The majority of students in every country identify with ideals ranging from the Center to the Left, and such people cannot be accused of anti-Semitism. The same accusation cannot be leveled against human rights groups around the world that currently demand an investigation into Israel’s potential perpetration of war crimes in Gaza. I pay tribute to the University of California for leading a campaign – which included 200 professors – calling for a boycott of Israel.

[Avigdor] Lieberman’s success signifies not so much a return of Israel to the right as it does the rise of a new right, which prioritises Purer Israel over Greater Israel.
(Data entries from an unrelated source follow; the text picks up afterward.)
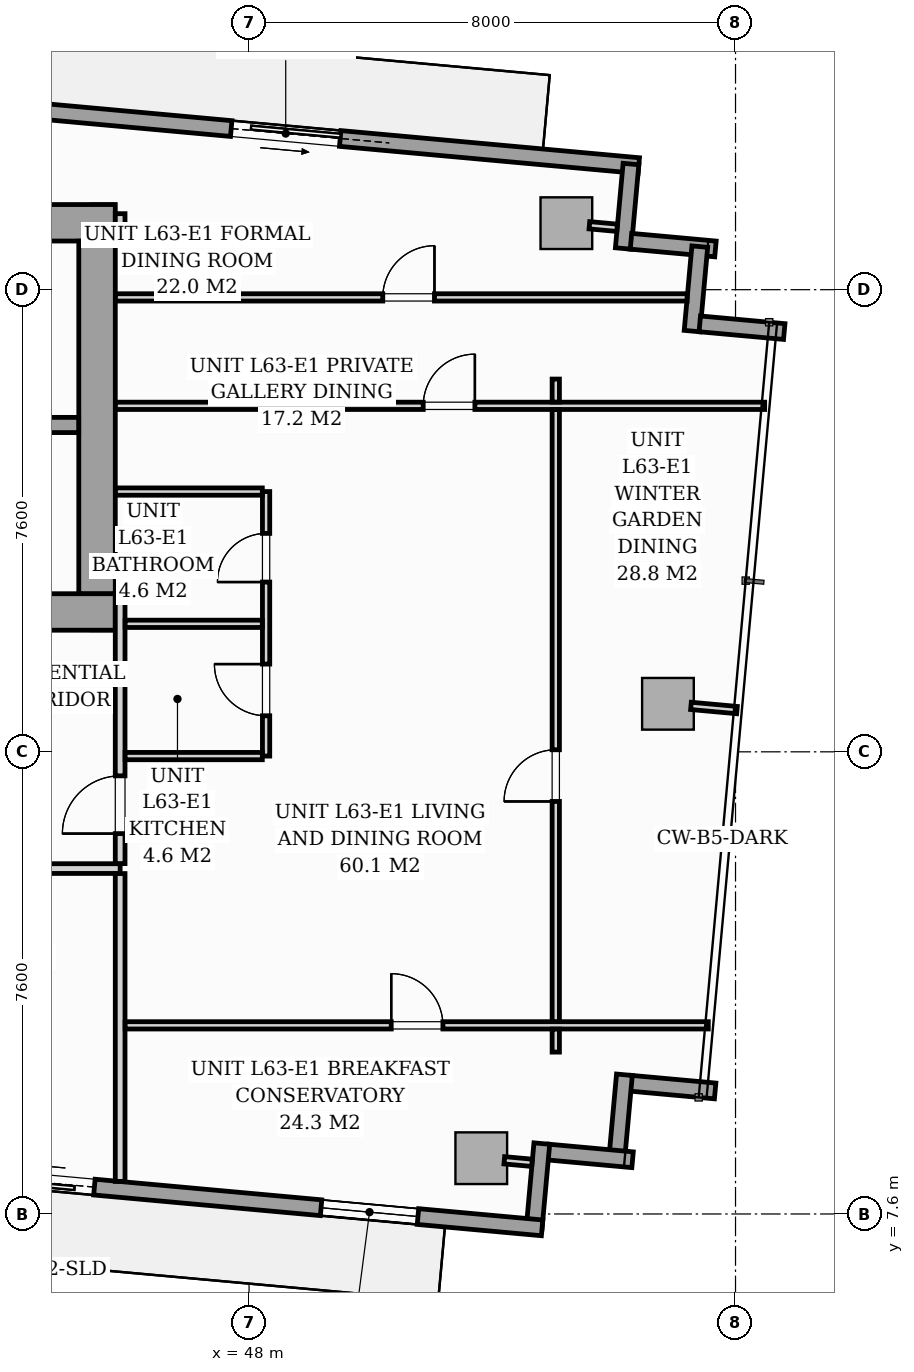
"""IFC4 building model, lengths in metres.
Left out: names, types, materials, properties, quantities, classifications, styles, units other than length and angle.
Written with IfcOpenShell. Run it as: python <this file> out.ifc"""

import sys

from ifc_helpers import new_model, si_unit, direction, frame, frame_2d, origin, origin_2d, place, context, subcontext, project, spatial, rectangle, i_section, extrude, source, transform, mapped, element, fill, save


model = new_model("IFC4")
c1 = context("Model", 3, precision=1e-05, world=origin(), true_north=direction((0.0, 1.0)))
c2 = subcontext(c1, "Body", "Model", "MODEL_VIEW")
j1 = project(units=[si_unit("LENGTHUNIT", "METRE"), si_unit("PLANEANGLEUNIT", "RADIAN")], contexts=[c1])
p1 = place(None, origin())
s1 = spatial("IfcSite", under=j1, at=p1, CompositionType="ELEMENT")
p2 = place(p1, origin())
s2 = spatial("IfcBuilding", under=s1, at=p2, CompositionType="ELEMENT")
p3 = place(p2, frame((0.0, 0.0, 219.9)))
s3 = spatial("IfcBuildingStorey", under=s2, at=p3, CompositionType="ELEMENT", Elevation=219.9)
m1 = source(origin(), c2, "Body", "SweptSolid", [
    extrude(i_section(OverallWidth=0.409, OverallDepth=0.425, WebThickness=0.033, FlangeThickness=0.052, FilletRadius=0.018, at=origin_2d()), origin(), (0.0, 0.0, 1.0), 3.296),
])
for number, where, z_axis, x_axis in (
    (1, (45.6, 17.4, 0.002), (0.0, 0.0, 1.0), (1.0, 0.0, 0.0)),
    (2, (45.6, 24.0, 0.002), (0.0, 0.0, 1.0), (1.0, 0.0, 0.0)),
):
    element("IfcColumn", number, at=place(p3, frame(where, z_axis=z_axis, x_axis=x_axis)), inside=s3, PredefinedType="PILASTER", context=c2, shape_type="MappedRepresentation", body=[
        mapped(m1, transform((0.0, 0.0, 0.0), scale=1.0)),
    ])
m2 = source(origin(), c2, "Body", "SweptSolid", [
    extrude(rectangle(XDim=0.85, YDim=0.85, at=origin_2d()), origin(), (0.0, 0.0, 1.0), 3.296),
])
for number, where, z_axis, x_axis in (
    (3, (51.819, 8.517, 0.002), (0.0, 0.0, 1.0), (0.996, -0.091, 0.0)),
    (4, (53.218, 23.894, 0.002), (0.0, 0.0, 1.0), (0.996, -0.091, 0.0)),
    (5, (54.889, 15.99, 0.002), (0.0, 0.0, 1.0), (0.996, -0.091, 0.0)),
):
    element("IfcColumn", number, at=place(p3, frame(where, z_axis=z_axis, x_axis=x_axis)), inside=s3, PredefinedType="COLUMN", context=c2, shape_type="MappedRepresentation", body=[
        mapped(m2, transform((0.0, 0.0, 0.0), scale=1.0)),
    ])
p4 = place(p3, frame((39.839, 26.166, 0.0), z_axis=(0.0, 0.0, 1.0), x_axis=(0.995884447498, -0.090632043071, 0.0)))
e6 = element("IfcWall", 6, at=p4, inside=s3, PredefinedType="STANDARD", context=c2, shape_type="SweptSolid", body=[
    extrude(rectangle(XDim=14.63, YDim=0.26, at=frame_2d((7.315, 0.0))), origin(), (0.0, 0.0, 1.0), 3.04),
])
p5 = place(p4, frame((7.9, 0.0, 0.0)))
e7 = element("IfcOpeningElement", 7, at=p5, cuts=e6, PredefinedType="OPENING", context=c2, shape_type="SweptSolid", body=[
    extrude(rectangle(XDim=1.8, YDim=2.06, at=frame_2d((0.9, 1.03))), frame((0.0, 0.14, 0.0), z_axis=(0.0, -1.0, 0.0), x_axis=(1.0, 0.0, 0.0)), (0.0, 0.0, 1.0), 0.28),
])
p6 = place(p4, frame((0.7, 0.0, 0.65)))
e8 = element("IfcOpeningElement", 8, at=p6, cuts=e6, PredefinedType="OPENING", context=c2, shape_type="SweptSolid", body=[
    extrude(rectangle(XDim=1.6, YDim=1.5, at=frame_2d((0.8, 0.75))), frame((0.0, 0.14, 0.0), z_axis=(0.0, -1.0, 0.0), x_axis=(1.0, 0.0, 0.0)), (0.0, 0.0, 1.0), 0.28),
])
p7 = place(p3, frame((54.281, 24.866, 0.0), z_axis=(0.0, 0.0, 1.0), x_axis=(-0.090661991521, -0.995881721538, 0.0)))
e9 = element("IfcWall", 9, at=p7, inside=s3, PredefinedType="STANDARD", context=c2, shape_type="SweptSolid", body=[
    extrude(rectangle(XDim=1.395, YDim=0.26, at=frame_2d((0.698, 0.0))), origin(), (0.0, 0.0, 1.0), 3.04),
])
for number, where, z_axis, x_axis in (
    (10, (54.281, 23.596, 0.0), (0.0, 0.0, 1.0), (0.996, -0.091, 0.0)),
    (11, (55.412, 23.508, 0.0), (0.0, 0.0, 1.0), (-0.091, -0.996, 0.0)),
    (12, (55.412, 22.238, 0.0), (0.0, 0.0, 1.0), (0.996, -0.091, 0.0)),
):
    element("IfcWall", number, at=place(p3, frame(where, z_axis=z_axis, x_axis=x_axis)), inside=s3, PredefinedType="STANDARD", context=c2, shape_type="SweptSolid", body=[
        extrude(rectangle(XDim=1.395, YDim=0.26, at=frame_2d((0.698, 0.0))), origin(), (0.0, 0.0, 1.0), 3.04),
    ])
for number, where, z_axis, x_axis in (
    (13, (55.665, 9.623, 0.0), (0.0, 0.0, 1.0), (-0.996, 0.091, 0.0)),
    (14, (54.173, 9.889, 0.0), (0.0, 0.0, 1.0), (-0.091, -0.996, 0.0)),
):
    element("IfcWall", number, at=place(p3, frame(where, z_axis=z_axis, x_axis=x_axis)), inside=s3, PredefinedType="STANDARD", context=c2, shape_type="SweptSolid", body=[
        extrude(rectangle(XDim=1.395, YDim=0.26, at=frame_2d((0.698, 0.0))), origin(), (0.0, 0.0, 1.0), 3.04),
    ])
for number, where, z_axis, x_axis in (
    (15, (54.307, 8.492, 0.0), (0.0, 0.0, 1.0), (-0.996, 0.091, 0.0)),
    (16, (52.815, 8.758, 0.0), (0.0, 0.0, 1.0), (-0.091, -0.996, 0.0)),
):
    element("IfcWall", number, at=place(p3, frame(where, z_axis=z_axis, x_axis=x_axis)), inside=s3, PredefinedType="STANDARD", context=c2, shape_type="SweptSolid", body=[
        extrude(rectangle(XDim=1.395, YDim=0.26, at=frame_2d((0.698, 0.0))), origin(), (0.0, 0.0, 1.0), 3.04),
    ])
p8 = place(p3, frame((52.819, 7.372, 0.0), z_axis=(0.0, 0.0, 1.0), x_axis=(-0.995884447498, 0.090632043071, 0.0)))
e17 = element("IfcWall", 17, at=p8, inside=s3, PredefinedType="STANDARD", context=c2, shape_type="SweptSolid", body=[
    extrude(rectangle(XDim=14.63, YDim=0.26, at=frame_2d((7.315, 0.0))), origin(), (0.0, 0.0, 1.0), 3.04),
])
p9 = place(p8, frame((7.393, 0.0, 0.0)))
e18 = element("IfcOpeningElement", 18, at=p9, cuts=e17, PredefinedType="OPENING", context=c2, shape_type="SweptSolid", body=[
    extrude(rectangle(XDim=1.8, YDim=2.06, at=frame_2d((0.9, 1.03))), frame((0.0, 0.14, 0.0), z_axis=(0.0, -1.0, 0.0), x_axis=(1.0, 0.0, 0.0)), (0.0, 0.0, 1.0), 0.28),
])
p10 = place(p8, frame((2.05, 0.0, 0.65)))
e19 = element("IfcOpeningElement", 19, at=p10, cuts=e17, PredefinedType="OPENING", context=c2, shape_type="SweptSolid", body=[
    extrude(rectangle(XDim=1.6, YDim=1.5, at=frame_2d((0.8, 0.75))), frame((0.0, 0.14, 0.0), z_axis=(0.0, -1.0, 0.0), x_axis=(1.0, 0.0, 0.0)), (0.0, 0.0, 1.0), 0.28),
])
p11 = place(p3, frame((26.2, 17.5, 0.0), z_axis=(0.0, 0.0, 1.0), x_axis=(1.0, 0.0, 0.0)))
e20 = element("IfcWall", 20, at=p11, inside=s3, PredefinedType="SHEAR", context=c2, shape_type="SweptSolid", body=[
    extrude(rectangle(XDim=19.6, YDim=0.6, at=frame_2d((9.8, 0.0))), origin(), (0.0, 0.0, 1.0), 3.3),
])
p12 = place(p11, frame((0.95, 0.0, 0.0)))
e21 = element("IfcOpeningElement", 21, at=p12, cuts=e20, PredefinedType="OPENING", context=c2, shape_type="SweptSolid", body=[
    extrude(rectangle(XDim=0.95, YDim=2.06, at=frame_2d((0.475, 1.03))), frame((0.0, 0.31, 0.0), z_axis=(0.0, -1.0, 0.0), x_axis=(1.0, 0.0, 0.0)), (0.0, 0.0, 1.0), 0.62),
])
p13 = place(p11, frame((9.38, 0.0, 0.0)))
e22 = element("IfcOpeningElement", 22, at=p13, cuts=e20, PredefinedType="OPENING", context=c2, shape_type="SweptSolid", body=[
    extrude(rectangle(XDim=0.85, YDim=2.0, at=frame_2d((0.425, 1.0))), frame((0.0, 0.31, 0.0), z_axis=(0.0, -1.0, 0.0), x_axis=(1.0, 0.0, 0.0)), (0.0, 0.0, 1.0), 0.62),
])
p14 = place(p11, frame((17.55, 0.0, 0.0)))
e23 = element("IfcOpeningElement", 23, at=p14, cuts=e20, PredefinedType="OPENING", context=c2, shape_type="SweptSolid", body=[
    extrude(rectangle(XDim=0.95, YDim=2.06, at=frame_2d((0.475, 1.03))), frame((0.0, 0.31, 0.0), z_axis=(0.0, -1.0, 0.0), x_axis=(1.0, 0.0, 0.0)), (0.0, 0.0, 1.0), 0.62),
])
p15 = place(p3, frame((26.2, 23.9, 0.0), z_axis=(0.0, 0.0, 1.0), x_axis=(1.0, 0.0, 0.0)))
e24 = element("IfcWall", 24, at=p15, inside=s3, PredefinedType="SHEAR", context=c2, shape_type="SweptSolid", body=[
    extrude(rectangle(XDim=19.6, YDim=0.6, at=frame_2d((9.8, 0.0))), origin(), (0.0, 0.0, 1.0), 3.3),
])
p16 = place(p3, frame((45.5, 17.802, 0.0), z_axis=(0.0, 0.0, 1.0), x_axis=(0.0, 1.0, 0.0)))
e25 = element("IfcWall", 25, at=p16, inside=s3, PredefinedType="SHEAR", context=c2, shape_type="SweptSolid", body=[
    extrude(rectangle(XDim=5.796, YDim=0.6, at=frame_2d((2.898, 0.0))), origin(), (0.0, 0.0, 1.0), 3.3),
])
p17 = place(p3, frame((37.05, 20.575, 0.0), z_axis=(0.0, 0.0, 1.0), x_axis=(1.0, 0.0, 0.0)))
e26 = element("IfcWall", 26, at=p17, inside=s3, PredefinedType="SOLIDWALL", context=c2, shape_type="SweptSolid", body=[
    extrude(rectangle(XDim=8.148, YDim=0.25, at=frame_2d((4.074, 0.0))), origin(), (0.0, 0.0, 1.0), 3.3),
])
p18 = place(p17, frame((6.6, 0.0, 0.0)))
e27 = element("IfcOpeningElement", 27, at=p18, cuts=e26, PredefinedType="OPENING", context=c2, shape_type="SweptSolid", body=[
    extrude(rectangle(XDim=0.95, YDim=2.06, at=frame_2d((0.475, 1.03))), frame((0.0, 0.135, 0.0), z_axis=(0.0, -1.0, 0.0), x_axis=(1.0, 0.0, 0.0)), (0.0, 0.0, 1.0), 0.27),
])
p19 = place(p3, frame((26.12, 13.28, 0.0), z_axis=(0.0, 0.0, 1.0), x_axis=(1.0, 0.0, 0.0)))
e28 = element("IfcWall", 28, at=p19, inside=s3, PredefinedType="PARTITIONING", context=c2, shape_type="SweptSolid", body=[
    extrude(rectangle(XDim=19.76, YDim=0.16, at=frame_2d((9.88, 0.0))), origin(), (0.0, 0.0, 1.0), 2.556),
])
p20 = place(p19, frame((5.345, 0.0, 0.0)))
e29 = element("IfcOpeningElement", 29, at=p20, cuts=e28, PredefinedType="OPENING", context=c2, shape_type="SweptSolid", body=[
    extrude(rectangle(XDim=0.95, YDim=2.06, at=frame_2d((0.475, 1.03))), frame((0.0, 0.09, 0.0), z_axis=(0.0, -1.0, 0.0), x_axis=(1.0, 0.0, 0.0)), (0.0, 0.0, 1.0), 0.18),
])
p21 = place(p19, frame((8.612, 0.0, 0.0)))
e30 = element("IfcOpeningElement", 30, at=p21, cuts=e28, PredefinedType="OPENING", context=c2, shape_type="SweptSolid", body=[
    extrude(rectangle(XDim=0.95, YDim=2.06, at=frame_2d((0.475, 1.03))), frame((0.0, 0.09, 0.0), z_axis=(0.0, -1.0, 0.0), x_axis=(1.0, 0.0, 0.0)), (0.0, 0.0, 1.0), 0.18),
])
p22 = place(p3, frame((45.88, 8.136, 0.0), z_axis=(0.0, 0.0, 1.0), x_axis=(0.0, 1.0, 0.0)))
e31 = element("IfcWall", 31, at=p22, inside=s3, PredefinedType="PARTITIONING", context=c2, shape_type="SweptSolid", body=[
    extrude(rectangle(XDim=5.062, YDim=0.16, at=frame_2d((2.531, 0.0))), origin(), (0.0, 0.0, 1.0), 3.04),
])
p23 = place(p3, frame((45.88, 13.362, 0.0), z_axis=(0.0, 0.0, 1.0), x_axis=(0.0, 1.0, 0.0)))
e32 = element("IfcWall", 32, at=p23, inside=s3, PredefinedType="PARTITIONING", context=c2, shape_type="SweptSolid", body=[
    extrude(rectangle(XDim=4.44, YDim=0.16, at=frame_2d((2.22, 0.0))), origin(), (0.0, 0.0, 1.0), 3.04),
])
p24 = place(p23, frame((0.493, 0.0, 0.0)))
e33 = element("IfcOpeningElement", 33, at=p24, cuts=e32, PredefinedType="OPENING", context=c2, shape_type="SweptSolid", body=[
    extrude(rectangle(XDim=0.95, YDim=2.06, at=frame_2d((0.475, 1.03))), frame((0.0, 0.09, 0.0), z_axis=(0.0, -1.0, 0.0), x_axis=(1.0, 0.0, 0.0)), (0.0, 0.0, 1.0), 0.18),
])
p25 = place(p3, frame((45.88, 23.598, 0.0), z_axis=(0.0, 0.0, 1.0), x_axis=(0.0, 1.0, 0.0)))
e34 = element("IfcWall", 34, at=p25, inside=s3, PredefinedType="PARTITIONING", context=c2, shape_type="SweptSolid", body=[
    extrude(rectangle(XDim=0.452, YDim=0.16, at=frame_2d((0.226, 0.0))), origin(), (0.0, 0.0, 1.0), 3.04),
])
p26 = place(p3, frame((48.28, 15.13, 0.0), z_axis=(0.0, 0.0, 1.0), x_axis=(0.0, 1.0, 0.0)))
e35 = element("IfcWall", 35, at=p26, inside=s3, PredefinedType="PARTITIONING", context=c2, shape_type="SweptSolid", body=[
    extrude(rectangle(XDim=4.35, YDim=0.12, at=frame_2d((2.175, 0.0))), origin(), (0.0, 0.0, 1.0), 3.04),
])
p27 = place(p26, frame((0.663, 0.0, 0.0)))
e36 = element("IfcOpeningElement", 36, at=p27, cuts=e35, PredefinedType="OPENING", context=c2, shape_type="SweptSolid", body=[
    extrude(rectangle(XDim=0.85, YDim=2.05, at=frame_2d((0.425, 1.025))), frame((0.0, 0.07, 0.0), z_axis=(0.0, -1.0, 0.0), x_axis=(1.0, 0.0, 0.0)), (0.0, 0.0, 1.0), 0.14),
])
p28 = place(p26, frame((2.862, 0.0, 0.0)))
e37 = element("IfcOpeningElement", 37, at=p28, cuts=e35, PredefinedType="OPENING", context=c2, shape_type="SweptSolid", body=[
    extrude(rectangle(XDim=0.8, YDim=2.02, at=frame_2d((0.4, 1.01))), frame((0.0, 0.07, 0.0), z_axis=(0.0, -1.0, 0.0), x_axis=(1.0, 0.0, 0.0)), (0.0, 0.0, 1.0), 0.14),
])
p29 = place(p3, frame((45.962, 17.305, 0.0), z_axis=(0.0, 0.0, 1.0), x_axis=(1.0, 0.0, 0.0)))
e38 = element("IfcWall", 38, at=p29, inside=s3, PredefinedType="PARTITIONING", context=c2, shape_type="SweptSolid", body=[
    extrude(rectangle(XDim=2.256, YDim=0.12, at=frame_2d((1.128, 0.0))), origin(), (0.0, 0.0, 1.0), 2.382),
])
p30 = place(p3, frame((45.962, 15.13, 0.0), z_axis=(0.0, 0.0, 1.0), x_axis=(1.0, 0.0, 0.0)))
e39 = element("IfcWall", 39, at=p30, inside=s3, PredefinedType="PARTITIONING", context=c2, shape_type="SweptSolid", body=[
    extrude(rectangle(XDim=2.256, YDim=0.12, at=frame_2d((1.128, 0.0))), origin(), (0.0, 0.0, 1.0), 3.04),
])
p31 = place(p3, frame((45.802, 19.48, 0.0), z_axis=(0.0, 0.0, 1.0), x_axis=(1.0, 0.0, 0.0)))
e40 = element("IfcWall", 40, at=p31, inside=s3, PredefinedType="PARTITIONING", context=c2, shape_type="SweptSolid", body=[
    extrude(rectangle(XDim=2.416, YDim=0.12, at=frame_2d((1.208, 0.0))), origin(), (0.0, 0.0, 1.0), 3.04),
])
p32 = place(p3, frame((45.802, 22.673, 0.0), z_axis=(0.0, 0.0, 1.0), x_axis=(1.0, 0.0, 0.0)))
e41 = element("IfcWall", 41, at=p32, inside=s3, PredefinedType="PARTITIONING", context=c2, shape_type="SweptSolid", body=[
    extrude(rectangle(XDim=9.402, YDim=0.12, at=frame_2d((4.701, 0.0))), origin(), (0.0, 0.0, 1.0), 3.04),
])
p33 = place(p32, frame((4.397, 0.0, 0.0)))
e42 = element("IfcOpeningElement", 42, at=p33, cuts=e41, PredefinedType="OPENING", context=c2, shape_type="SweptSolid", body=[
    extrude(rectangle(XDim=0.85, YDim=2.05, at=frame_2d((0.425, 1.025))), frame((0.0, 0.07, 0.0), z_axis=(0.0, -1.0, 0.0), x_axis=(1.0, 0.0, 0.0)), (0.0, 0.0, 1.0), 0.14),
])
p34 = place(p3, frame((45.962, 10.702, 0.0), z_axis=(0.0, 0.0, 1.0), x_axis=(1.0, 0.0, 0.0)))
e43 = element("IfcWall", 43, at=p34, inside=s3, PredefinedType="PARTITIONING", context=c2, shape_type="SweptSolid", body=[
    extrude(rectangle(XDim=9.59, YDim=0.12, at=frame_2d((4.795, 0.0))), origin(), (0.0, 0.0, 1.0), 3.04),
])
p35 = place(p34, frame((4.376, 0.0, 0.0)))
e44 = element("IfcOpeningElement", 44, at=p35, cuts=e43, PredefinedType="OPENING", context=c2, shape_type="SweptSolid", body=[
    extrude(rectangle(XDim=0.85, YDim=2.05, at=frame_2d((0.425, 1.025))), frame((0.0, 0.07, 0.0), z_axis=(0.0, -1.0, 0.0), x_axis=(1.0, 0.0, 0.0)), (0.0, 0.0, 1.0), 0.14),
])
p36 = place(p3, frame((45.802, 20.89, 0.0), z_axis=(0.0, 0.0, 1.0), x_axis=(1.0, 0.0, 0.0)))
e45 = element("IfcWall", 45, at=p36, inside=s3, PredefinedType="PARTITIONING", context=c2, shape_type="SweptSolid", body=[
    extrude(rectangle(XDim=10.677, YDim=0.12, at=frame_2d((5.339, 0.0))), origin(), (0.0, 0.0, 1.0), 3.04),
])
p37 = place(p36, frame((5.062, 0.0, 0.0)))
e46 = element("IfcOpeningElement", 46, at=p37, cuts=e45, PredefinedType="OPENING", context=c2, shape_type="SweptSolid", body=[
    extrude(rectangle(XDim=0.85, YDim=2.05, at=frame_2d((0.425, 1.025))), frame((0.0, 0.07, 0.0), z_axis=(0.0, -1.0, 0.0), x_axis=(1.0, 0.0, 0.0)), (0.0, 0.0, 1.0), 0.14),
])
p38 = place(p3, frame((53.044, 10.262, 0.0), z_axis=(0.0, 0.0, 1.0), x_axis=(0.0, 1.0, 0.0)))
e47 = element("IfcWall", 47, at=p38, inside=s3, PredefinedType="PARTITIONING", context=c2, shape_type="SweptSolid", body=[
    extrude(rectangle(XDim=0.378, YDim=0.12, at=frame_2d((0.189, 0.0))), origin(), (0.0, 0.0, 1.0), 3.04),
])
p39 = place(p3, frame((53.044, 10.764, 0.0), z_axis=(0.0, 0.0, 1.0), x_axis=(0.0, 1.0, 0.0)))
e48 = element("IfcWall", 48, at=p39, inside=s3, PredefinedType="PARTITIONING", context=c2, shape_type="SweptSolid", body=[
    extrude(rectangle(XDim=10.064, YDim=0.12, at=frame_2d((5.032, 0.0))), origin(), (0.0, 0.0, 1.0), 3.04),
])
p40 = place(p39, frame((3.62, 0.0, 0.0)))
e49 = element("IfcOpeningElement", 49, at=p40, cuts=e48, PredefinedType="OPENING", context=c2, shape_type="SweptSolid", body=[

The traditional right in Israel opposes a compromise with the Palestinians. Mainstream conservatives like Netanyahu and the Likud party aspire, in their most compromising moments, to set the border with a future Palestinian state as far to the east of the 1967 Green Line as possible.

Lieberman, on the other hand, wants Israel to push Arab-populated towns toward a future Palestine through a land swap with a Palestinian state, redrawing the border in some cases west of the Green Line. His top interest is having Israel as ethnically Jewish as possible, even if it results in loss of territory.

  • Visiting Gaza, poet Yvonne Green writes in the Jerusalem Post that she waws surprised to find surgical strikes, not wanton destruction:

I’m a poet, an English Jew and a frequent visitor to Israel. Deeply disturbed by the reports of wanton slaughter and destruction during Operation Cast Lead, I felt I had to see for myself. I flew to Tel Aviv and on Wednesday, January 28, using my press card to cross the Erez checkpoint, I walked across the border into Gaza where I was met by my guide, a Palestinian journalist. He asked if I wanted to meet with Hamas officials. I explained that I’d come to bear witness to the damage and civilian suffering, not to talk politics.

What I saw was that there had been precision attacks made on all of Hamas’ infrastructure. Does UN Secretary-General Ban Ki-moon criticize the surgical destruction of the explosives cache in the Imad Akhel Mosque, of the National Forces compound, of the Shi Jaya police station, of the Ministry of Prisoners? The Gazans I met weren’t mourning the police state. Neither were they radicalized. As Hamas blackshirts menaced the street corners, I witnessed how passersby ignored them.